Yes. He was on codenamesammy already and just flashed this http://forum.xda-developers.com/showthread.php?t=1821673 in the video.

good day.


----------



## Barf (Sep 26, 2011)

Just let this thread die in peace.....


----------



## 22stars (Jan 31, 2012)

acras said:


> If you already know how to get the latest version , why did you bother checking out the thread ? This is some kid whos trying to do something fun , maybe show off a little skill and help people , and you're complaining about the necessity ? Guess what , rooted with no custom ROM and kernel mods means that the OTA update fails , so learning how to update without any of the Dev's pushing it on a ROM IS valuable to some people . Should I post in every Verizon related post that I don't see the point in the thread because it doesn't pertain to me and it clogs up all the GSM info ? Of course not .
> How about either not responding to this kids post , or trying to give a little positive reinforcement , he might go on to great things .


firstly i was checking out the thread, not only because i can, but because i was hoping someone had posted something original and/or new for me to read. Also, if you already know how to root your phone you should KNOW that you won't get updates without reverting to stock, otherwise, as i said earlier - you shouldn't even be messing with your phone in the first place.

also, you're right - he might go on to do great things, but anyone who has ever succeeded has failed at some point.


----------



## Barf (Sep 26, 2011)

You can update while on stock rooted.....wtf are you two talking about?


----------



## 22stars (Jan 31, 2012)

Barf said:


> You can update while on stock rooted.....wtf are you two talking about?

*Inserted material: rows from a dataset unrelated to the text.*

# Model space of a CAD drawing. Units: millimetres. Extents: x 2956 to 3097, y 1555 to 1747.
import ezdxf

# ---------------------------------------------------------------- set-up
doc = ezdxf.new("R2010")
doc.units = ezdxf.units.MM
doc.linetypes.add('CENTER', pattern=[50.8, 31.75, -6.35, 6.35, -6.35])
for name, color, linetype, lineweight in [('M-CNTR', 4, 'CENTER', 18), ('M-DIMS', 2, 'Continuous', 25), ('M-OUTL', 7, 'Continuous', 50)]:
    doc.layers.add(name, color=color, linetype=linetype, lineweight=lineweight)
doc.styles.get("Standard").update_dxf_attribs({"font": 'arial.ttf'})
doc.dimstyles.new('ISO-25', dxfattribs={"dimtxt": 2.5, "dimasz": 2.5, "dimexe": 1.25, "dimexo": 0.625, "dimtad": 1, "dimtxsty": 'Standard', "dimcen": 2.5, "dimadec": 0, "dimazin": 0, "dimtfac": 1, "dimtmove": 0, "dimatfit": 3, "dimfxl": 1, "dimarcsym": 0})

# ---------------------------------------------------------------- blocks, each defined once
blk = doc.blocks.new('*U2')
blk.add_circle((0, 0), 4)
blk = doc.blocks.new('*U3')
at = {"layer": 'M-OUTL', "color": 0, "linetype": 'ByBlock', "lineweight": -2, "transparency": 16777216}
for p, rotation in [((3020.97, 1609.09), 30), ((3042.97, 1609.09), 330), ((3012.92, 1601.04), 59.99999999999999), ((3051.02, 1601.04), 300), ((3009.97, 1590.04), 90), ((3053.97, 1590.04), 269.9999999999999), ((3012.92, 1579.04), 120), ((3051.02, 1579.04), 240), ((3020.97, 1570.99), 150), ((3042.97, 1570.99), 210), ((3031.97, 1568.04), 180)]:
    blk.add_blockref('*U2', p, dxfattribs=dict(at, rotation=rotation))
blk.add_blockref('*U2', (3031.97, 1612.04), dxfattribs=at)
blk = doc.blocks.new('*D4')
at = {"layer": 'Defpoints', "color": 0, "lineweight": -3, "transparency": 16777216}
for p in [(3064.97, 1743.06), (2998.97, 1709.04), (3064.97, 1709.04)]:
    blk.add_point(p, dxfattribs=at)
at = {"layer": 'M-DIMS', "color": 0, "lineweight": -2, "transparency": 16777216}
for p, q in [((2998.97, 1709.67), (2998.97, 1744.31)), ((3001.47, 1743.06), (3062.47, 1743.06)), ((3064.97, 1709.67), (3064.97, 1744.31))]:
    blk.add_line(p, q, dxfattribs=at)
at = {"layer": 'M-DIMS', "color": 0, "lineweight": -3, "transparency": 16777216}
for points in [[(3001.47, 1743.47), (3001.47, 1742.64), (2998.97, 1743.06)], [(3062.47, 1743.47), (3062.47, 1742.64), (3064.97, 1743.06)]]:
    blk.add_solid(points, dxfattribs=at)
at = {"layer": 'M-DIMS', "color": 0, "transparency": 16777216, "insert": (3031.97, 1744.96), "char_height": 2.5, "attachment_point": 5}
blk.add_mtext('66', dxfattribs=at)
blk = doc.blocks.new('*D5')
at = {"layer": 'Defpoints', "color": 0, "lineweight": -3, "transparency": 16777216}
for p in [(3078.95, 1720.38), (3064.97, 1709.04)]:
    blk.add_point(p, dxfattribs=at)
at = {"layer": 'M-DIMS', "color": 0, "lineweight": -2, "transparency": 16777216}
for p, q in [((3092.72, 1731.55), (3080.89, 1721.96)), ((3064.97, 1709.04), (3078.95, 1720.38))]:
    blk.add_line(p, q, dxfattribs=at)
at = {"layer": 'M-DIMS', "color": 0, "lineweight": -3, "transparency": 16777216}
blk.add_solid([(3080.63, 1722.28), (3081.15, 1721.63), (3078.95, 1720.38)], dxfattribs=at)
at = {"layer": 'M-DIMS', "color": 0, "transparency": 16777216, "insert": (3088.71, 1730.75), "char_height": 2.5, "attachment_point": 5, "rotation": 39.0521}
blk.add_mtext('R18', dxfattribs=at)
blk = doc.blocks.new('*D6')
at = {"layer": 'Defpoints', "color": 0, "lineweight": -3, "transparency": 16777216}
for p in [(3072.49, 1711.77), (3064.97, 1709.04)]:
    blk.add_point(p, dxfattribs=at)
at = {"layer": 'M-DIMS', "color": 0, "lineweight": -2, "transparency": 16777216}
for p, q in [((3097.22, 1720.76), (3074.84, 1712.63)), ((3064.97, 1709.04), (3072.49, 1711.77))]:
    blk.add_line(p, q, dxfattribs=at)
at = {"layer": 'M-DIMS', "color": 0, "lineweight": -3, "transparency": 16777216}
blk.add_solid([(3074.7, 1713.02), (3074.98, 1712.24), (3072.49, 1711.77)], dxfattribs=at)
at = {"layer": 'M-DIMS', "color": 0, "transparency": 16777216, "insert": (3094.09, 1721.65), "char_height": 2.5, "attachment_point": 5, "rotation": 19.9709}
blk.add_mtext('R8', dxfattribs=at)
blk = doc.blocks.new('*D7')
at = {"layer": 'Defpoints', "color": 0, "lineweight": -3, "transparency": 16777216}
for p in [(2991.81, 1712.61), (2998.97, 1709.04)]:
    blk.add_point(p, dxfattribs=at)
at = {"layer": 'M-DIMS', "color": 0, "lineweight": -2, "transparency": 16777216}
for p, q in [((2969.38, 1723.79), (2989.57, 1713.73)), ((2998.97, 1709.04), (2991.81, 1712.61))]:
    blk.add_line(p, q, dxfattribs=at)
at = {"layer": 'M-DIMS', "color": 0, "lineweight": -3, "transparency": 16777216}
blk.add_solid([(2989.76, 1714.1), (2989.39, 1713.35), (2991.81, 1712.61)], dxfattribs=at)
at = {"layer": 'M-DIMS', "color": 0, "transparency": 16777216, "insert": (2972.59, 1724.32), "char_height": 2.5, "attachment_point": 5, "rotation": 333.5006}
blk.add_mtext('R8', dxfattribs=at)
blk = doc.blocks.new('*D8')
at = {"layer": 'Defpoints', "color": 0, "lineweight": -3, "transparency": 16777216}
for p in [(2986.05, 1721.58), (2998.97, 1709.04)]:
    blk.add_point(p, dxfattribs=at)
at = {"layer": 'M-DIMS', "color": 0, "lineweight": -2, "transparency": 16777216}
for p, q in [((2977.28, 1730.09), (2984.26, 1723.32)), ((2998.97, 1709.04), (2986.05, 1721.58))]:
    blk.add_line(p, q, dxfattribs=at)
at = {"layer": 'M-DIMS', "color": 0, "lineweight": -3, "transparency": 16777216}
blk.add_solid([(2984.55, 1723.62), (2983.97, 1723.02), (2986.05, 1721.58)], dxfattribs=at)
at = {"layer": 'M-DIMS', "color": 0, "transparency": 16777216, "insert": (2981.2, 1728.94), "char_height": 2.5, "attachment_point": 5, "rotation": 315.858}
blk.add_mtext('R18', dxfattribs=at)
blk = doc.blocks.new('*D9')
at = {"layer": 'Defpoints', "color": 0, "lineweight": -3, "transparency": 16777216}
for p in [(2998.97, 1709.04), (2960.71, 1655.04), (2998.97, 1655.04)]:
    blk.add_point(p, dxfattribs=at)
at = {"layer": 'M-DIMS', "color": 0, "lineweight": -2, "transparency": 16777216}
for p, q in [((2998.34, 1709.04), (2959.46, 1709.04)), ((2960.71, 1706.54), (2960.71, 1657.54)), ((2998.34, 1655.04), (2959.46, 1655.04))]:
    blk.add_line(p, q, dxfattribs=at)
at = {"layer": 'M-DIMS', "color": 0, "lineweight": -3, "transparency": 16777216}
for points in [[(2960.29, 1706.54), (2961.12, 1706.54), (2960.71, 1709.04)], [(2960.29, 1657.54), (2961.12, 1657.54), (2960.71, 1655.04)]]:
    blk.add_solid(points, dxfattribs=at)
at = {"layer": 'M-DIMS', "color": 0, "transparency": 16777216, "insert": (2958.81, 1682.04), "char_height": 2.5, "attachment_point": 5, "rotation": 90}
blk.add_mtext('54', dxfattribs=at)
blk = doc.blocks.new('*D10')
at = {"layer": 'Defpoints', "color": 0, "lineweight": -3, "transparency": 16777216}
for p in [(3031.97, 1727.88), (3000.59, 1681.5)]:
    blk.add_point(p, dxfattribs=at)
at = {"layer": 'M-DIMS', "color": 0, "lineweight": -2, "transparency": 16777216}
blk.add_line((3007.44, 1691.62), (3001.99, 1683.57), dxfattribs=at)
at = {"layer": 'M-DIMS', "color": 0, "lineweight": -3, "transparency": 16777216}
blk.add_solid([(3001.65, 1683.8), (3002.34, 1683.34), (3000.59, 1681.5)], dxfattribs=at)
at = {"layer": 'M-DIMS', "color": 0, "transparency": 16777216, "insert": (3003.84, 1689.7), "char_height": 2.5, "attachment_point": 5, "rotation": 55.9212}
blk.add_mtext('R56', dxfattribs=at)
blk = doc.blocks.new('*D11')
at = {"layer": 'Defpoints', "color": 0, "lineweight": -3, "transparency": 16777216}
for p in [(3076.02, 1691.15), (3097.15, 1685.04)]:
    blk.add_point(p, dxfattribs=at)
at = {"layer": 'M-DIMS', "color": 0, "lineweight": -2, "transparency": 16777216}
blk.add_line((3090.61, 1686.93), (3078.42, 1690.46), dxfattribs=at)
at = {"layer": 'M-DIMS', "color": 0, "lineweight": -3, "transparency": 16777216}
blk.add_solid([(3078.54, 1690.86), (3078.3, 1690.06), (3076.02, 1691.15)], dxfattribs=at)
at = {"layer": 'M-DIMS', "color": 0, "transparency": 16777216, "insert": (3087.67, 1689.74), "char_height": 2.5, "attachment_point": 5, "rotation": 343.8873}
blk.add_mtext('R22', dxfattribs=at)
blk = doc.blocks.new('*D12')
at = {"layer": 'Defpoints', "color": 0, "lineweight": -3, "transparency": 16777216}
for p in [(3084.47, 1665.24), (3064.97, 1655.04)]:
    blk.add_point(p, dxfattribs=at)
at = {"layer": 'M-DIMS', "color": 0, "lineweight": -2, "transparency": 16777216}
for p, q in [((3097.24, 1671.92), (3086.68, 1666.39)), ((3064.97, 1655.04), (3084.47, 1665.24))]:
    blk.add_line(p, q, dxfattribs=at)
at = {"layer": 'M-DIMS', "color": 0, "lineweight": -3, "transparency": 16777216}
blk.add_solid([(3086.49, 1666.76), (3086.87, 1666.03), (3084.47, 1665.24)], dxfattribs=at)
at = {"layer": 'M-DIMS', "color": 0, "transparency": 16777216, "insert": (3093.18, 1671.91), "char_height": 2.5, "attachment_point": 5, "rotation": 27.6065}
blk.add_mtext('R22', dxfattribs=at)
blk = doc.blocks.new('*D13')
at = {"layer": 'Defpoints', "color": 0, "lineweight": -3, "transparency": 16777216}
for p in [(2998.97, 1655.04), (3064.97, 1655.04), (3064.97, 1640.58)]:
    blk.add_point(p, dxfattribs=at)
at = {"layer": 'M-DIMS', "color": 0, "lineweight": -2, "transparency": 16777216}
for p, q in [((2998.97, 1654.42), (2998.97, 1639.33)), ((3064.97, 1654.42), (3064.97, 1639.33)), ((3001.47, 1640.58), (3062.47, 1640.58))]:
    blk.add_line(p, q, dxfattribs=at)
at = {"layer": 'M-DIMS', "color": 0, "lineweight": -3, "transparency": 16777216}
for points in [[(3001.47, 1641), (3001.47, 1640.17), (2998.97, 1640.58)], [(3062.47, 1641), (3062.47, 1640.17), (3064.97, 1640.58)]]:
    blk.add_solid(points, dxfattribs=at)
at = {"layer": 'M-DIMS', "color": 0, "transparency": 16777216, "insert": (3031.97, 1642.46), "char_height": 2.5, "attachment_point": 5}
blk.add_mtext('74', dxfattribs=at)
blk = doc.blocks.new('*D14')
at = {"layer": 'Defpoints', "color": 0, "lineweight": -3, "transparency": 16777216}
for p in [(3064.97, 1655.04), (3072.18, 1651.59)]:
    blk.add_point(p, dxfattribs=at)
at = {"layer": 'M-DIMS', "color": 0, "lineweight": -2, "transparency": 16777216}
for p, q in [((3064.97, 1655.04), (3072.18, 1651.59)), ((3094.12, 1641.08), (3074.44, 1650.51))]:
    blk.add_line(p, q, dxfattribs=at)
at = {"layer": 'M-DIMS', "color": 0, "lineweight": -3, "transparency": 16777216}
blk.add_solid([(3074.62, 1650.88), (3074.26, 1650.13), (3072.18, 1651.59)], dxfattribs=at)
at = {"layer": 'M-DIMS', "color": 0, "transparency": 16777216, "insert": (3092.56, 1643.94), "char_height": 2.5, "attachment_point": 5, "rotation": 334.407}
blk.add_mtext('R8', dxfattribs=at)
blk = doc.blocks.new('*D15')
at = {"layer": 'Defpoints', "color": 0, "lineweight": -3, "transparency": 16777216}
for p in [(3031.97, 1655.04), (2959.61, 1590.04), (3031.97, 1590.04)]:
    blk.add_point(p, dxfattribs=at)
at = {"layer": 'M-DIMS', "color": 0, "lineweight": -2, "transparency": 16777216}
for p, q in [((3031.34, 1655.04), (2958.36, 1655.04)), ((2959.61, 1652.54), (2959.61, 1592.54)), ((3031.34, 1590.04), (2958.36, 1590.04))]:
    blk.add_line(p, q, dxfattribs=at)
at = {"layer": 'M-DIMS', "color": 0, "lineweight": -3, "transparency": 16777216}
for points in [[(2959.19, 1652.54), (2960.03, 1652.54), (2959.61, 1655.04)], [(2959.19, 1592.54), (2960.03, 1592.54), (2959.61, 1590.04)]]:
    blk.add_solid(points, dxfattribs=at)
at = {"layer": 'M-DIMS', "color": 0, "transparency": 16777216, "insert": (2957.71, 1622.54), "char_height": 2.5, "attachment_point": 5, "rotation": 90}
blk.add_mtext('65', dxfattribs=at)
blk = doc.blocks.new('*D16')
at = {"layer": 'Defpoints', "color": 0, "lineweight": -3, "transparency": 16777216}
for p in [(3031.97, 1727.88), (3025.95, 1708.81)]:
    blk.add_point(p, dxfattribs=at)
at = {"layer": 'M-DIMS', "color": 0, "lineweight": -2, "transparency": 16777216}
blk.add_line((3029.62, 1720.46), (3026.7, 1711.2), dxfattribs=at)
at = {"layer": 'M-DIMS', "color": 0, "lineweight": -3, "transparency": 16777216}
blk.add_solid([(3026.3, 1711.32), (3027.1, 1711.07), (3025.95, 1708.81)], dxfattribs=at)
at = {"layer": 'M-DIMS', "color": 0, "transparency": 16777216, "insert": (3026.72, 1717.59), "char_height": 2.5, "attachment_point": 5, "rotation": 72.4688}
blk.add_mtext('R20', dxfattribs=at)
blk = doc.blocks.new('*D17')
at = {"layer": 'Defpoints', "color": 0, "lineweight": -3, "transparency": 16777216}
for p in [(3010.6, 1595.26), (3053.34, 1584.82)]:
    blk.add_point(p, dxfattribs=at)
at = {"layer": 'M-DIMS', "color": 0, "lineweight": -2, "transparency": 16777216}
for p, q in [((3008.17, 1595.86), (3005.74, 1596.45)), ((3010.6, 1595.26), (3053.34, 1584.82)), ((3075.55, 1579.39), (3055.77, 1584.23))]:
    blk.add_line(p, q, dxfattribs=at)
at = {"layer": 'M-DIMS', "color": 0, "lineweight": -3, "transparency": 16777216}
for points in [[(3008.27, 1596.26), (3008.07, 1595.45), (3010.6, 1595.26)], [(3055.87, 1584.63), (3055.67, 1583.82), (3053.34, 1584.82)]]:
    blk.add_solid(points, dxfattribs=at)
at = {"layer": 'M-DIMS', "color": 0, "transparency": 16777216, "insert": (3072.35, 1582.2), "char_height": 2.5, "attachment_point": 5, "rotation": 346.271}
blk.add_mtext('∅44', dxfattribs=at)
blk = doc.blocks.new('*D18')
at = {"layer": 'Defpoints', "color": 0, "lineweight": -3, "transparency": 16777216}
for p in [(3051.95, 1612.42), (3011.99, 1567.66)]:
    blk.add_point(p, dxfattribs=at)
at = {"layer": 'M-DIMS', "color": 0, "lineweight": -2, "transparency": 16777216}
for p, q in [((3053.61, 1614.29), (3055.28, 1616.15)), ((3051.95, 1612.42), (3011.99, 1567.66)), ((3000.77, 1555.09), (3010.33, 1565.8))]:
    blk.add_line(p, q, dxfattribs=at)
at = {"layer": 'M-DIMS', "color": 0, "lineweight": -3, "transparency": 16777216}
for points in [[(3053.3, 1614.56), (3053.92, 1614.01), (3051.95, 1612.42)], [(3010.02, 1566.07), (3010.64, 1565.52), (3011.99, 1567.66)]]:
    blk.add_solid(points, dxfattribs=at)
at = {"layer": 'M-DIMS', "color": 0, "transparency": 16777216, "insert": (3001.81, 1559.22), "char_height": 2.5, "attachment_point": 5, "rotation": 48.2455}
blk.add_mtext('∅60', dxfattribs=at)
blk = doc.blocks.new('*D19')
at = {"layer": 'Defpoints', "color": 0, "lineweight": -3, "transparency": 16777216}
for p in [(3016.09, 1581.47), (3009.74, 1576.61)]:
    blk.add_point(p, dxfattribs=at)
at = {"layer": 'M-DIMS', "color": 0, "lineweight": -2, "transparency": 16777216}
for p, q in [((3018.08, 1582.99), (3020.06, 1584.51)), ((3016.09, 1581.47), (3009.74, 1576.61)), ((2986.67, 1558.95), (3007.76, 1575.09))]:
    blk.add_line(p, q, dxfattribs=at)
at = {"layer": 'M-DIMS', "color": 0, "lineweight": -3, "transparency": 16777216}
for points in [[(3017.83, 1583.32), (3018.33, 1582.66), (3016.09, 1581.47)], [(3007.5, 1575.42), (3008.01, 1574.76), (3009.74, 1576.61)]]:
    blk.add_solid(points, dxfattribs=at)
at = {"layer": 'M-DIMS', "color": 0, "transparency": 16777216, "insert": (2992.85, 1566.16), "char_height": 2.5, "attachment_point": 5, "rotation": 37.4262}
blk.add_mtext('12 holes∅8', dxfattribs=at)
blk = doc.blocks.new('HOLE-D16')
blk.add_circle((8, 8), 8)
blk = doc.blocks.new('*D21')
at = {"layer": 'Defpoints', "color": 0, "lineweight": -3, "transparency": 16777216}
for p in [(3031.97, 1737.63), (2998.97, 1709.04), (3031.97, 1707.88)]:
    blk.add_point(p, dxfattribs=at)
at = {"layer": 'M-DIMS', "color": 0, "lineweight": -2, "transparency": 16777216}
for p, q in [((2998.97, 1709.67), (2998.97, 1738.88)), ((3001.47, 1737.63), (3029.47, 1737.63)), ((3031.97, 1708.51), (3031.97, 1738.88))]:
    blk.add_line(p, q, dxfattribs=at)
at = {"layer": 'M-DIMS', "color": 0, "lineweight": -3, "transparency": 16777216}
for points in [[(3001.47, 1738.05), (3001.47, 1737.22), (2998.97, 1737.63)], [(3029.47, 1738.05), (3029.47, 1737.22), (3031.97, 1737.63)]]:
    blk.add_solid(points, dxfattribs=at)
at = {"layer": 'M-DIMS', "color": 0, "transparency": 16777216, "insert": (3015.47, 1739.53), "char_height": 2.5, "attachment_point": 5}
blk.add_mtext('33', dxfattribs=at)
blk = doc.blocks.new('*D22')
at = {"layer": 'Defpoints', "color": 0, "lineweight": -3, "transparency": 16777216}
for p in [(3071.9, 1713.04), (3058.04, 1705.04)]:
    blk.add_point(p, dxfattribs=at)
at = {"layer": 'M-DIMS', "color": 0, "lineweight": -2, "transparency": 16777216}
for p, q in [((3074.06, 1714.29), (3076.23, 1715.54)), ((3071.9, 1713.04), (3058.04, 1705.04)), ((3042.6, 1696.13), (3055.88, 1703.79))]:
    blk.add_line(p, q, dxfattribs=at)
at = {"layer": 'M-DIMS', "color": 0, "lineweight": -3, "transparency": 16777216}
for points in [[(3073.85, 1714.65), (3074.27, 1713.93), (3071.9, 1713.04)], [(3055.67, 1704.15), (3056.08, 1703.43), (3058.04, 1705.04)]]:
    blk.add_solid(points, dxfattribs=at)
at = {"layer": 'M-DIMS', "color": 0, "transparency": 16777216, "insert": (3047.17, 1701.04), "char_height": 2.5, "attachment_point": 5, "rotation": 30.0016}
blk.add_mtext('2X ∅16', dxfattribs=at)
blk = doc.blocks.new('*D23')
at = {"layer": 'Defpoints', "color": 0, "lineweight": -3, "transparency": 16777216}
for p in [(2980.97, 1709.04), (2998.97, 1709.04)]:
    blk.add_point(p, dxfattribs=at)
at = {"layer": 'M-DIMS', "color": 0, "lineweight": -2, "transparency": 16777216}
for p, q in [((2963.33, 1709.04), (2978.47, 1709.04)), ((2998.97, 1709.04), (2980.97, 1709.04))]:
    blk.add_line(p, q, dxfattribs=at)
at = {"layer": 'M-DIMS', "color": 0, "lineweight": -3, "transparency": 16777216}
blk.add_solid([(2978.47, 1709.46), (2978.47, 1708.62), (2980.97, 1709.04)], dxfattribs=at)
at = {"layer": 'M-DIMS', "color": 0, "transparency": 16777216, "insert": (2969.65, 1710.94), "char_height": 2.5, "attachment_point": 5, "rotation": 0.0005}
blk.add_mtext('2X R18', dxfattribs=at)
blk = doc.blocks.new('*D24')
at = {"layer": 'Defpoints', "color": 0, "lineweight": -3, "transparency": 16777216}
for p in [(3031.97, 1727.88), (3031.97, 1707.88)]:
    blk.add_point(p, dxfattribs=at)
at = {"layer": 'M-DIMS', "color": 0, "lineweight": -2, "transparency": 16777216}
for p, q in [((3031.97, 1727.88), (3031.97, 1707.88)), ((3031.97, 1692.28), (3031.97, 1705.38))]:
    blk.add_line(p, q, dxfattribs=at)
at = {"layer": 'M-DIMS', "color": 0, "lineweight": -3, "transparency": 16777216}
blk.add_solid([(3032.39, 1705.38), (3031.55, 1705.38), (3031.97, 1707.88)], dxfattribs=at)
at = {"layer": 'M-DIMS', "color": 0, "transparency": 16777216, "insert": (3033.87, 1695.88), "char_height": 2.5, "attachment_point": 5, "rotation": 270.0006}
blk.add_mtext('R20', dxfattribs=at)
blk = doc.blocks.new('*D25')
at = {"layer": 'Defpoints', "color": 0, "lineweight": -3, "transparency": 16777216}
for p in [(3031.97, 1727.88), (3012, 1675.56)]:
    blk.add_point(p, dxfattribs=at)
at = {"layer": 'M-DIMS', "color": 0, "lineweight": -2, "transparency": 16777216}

i have no idea, i was just answering the angry guy, all i know is you can't update on a custom rom - i have never tried to update on stock rooted - my apologies.


----------



## Droidx316 (Jun 21, 2011)

acras said:


> You sure he could use CWM touch for that method ? this says specifically NOT for touch http://forum.xda-dev...d.php?t=1419170
> 
> If you already know how to get the latest version , why did you bother checking out the thread ? This is some kid whos trying to do something fun , maybe show off a little skill and help people , and you're complaining about the necessity ? Guess what , rooted with no custom ROM and kernel mods means that the OTA update fails , so learning how to update without any of the Dev's pushing it on a ROM IS valuable to some people . Should I post in every Verizon related post that I don't see the point in the thread because it doesn't pertain to me and it clogs up all the GSM info ? Of course not .
> How about either not responding to this kids post , or trying to give a little positive reinforcement , he might go on to great things .


 well said man.everyone trying to be a mini mod just making themselves look bad to others.I guess the cool things these days are to put others down for doing something positive.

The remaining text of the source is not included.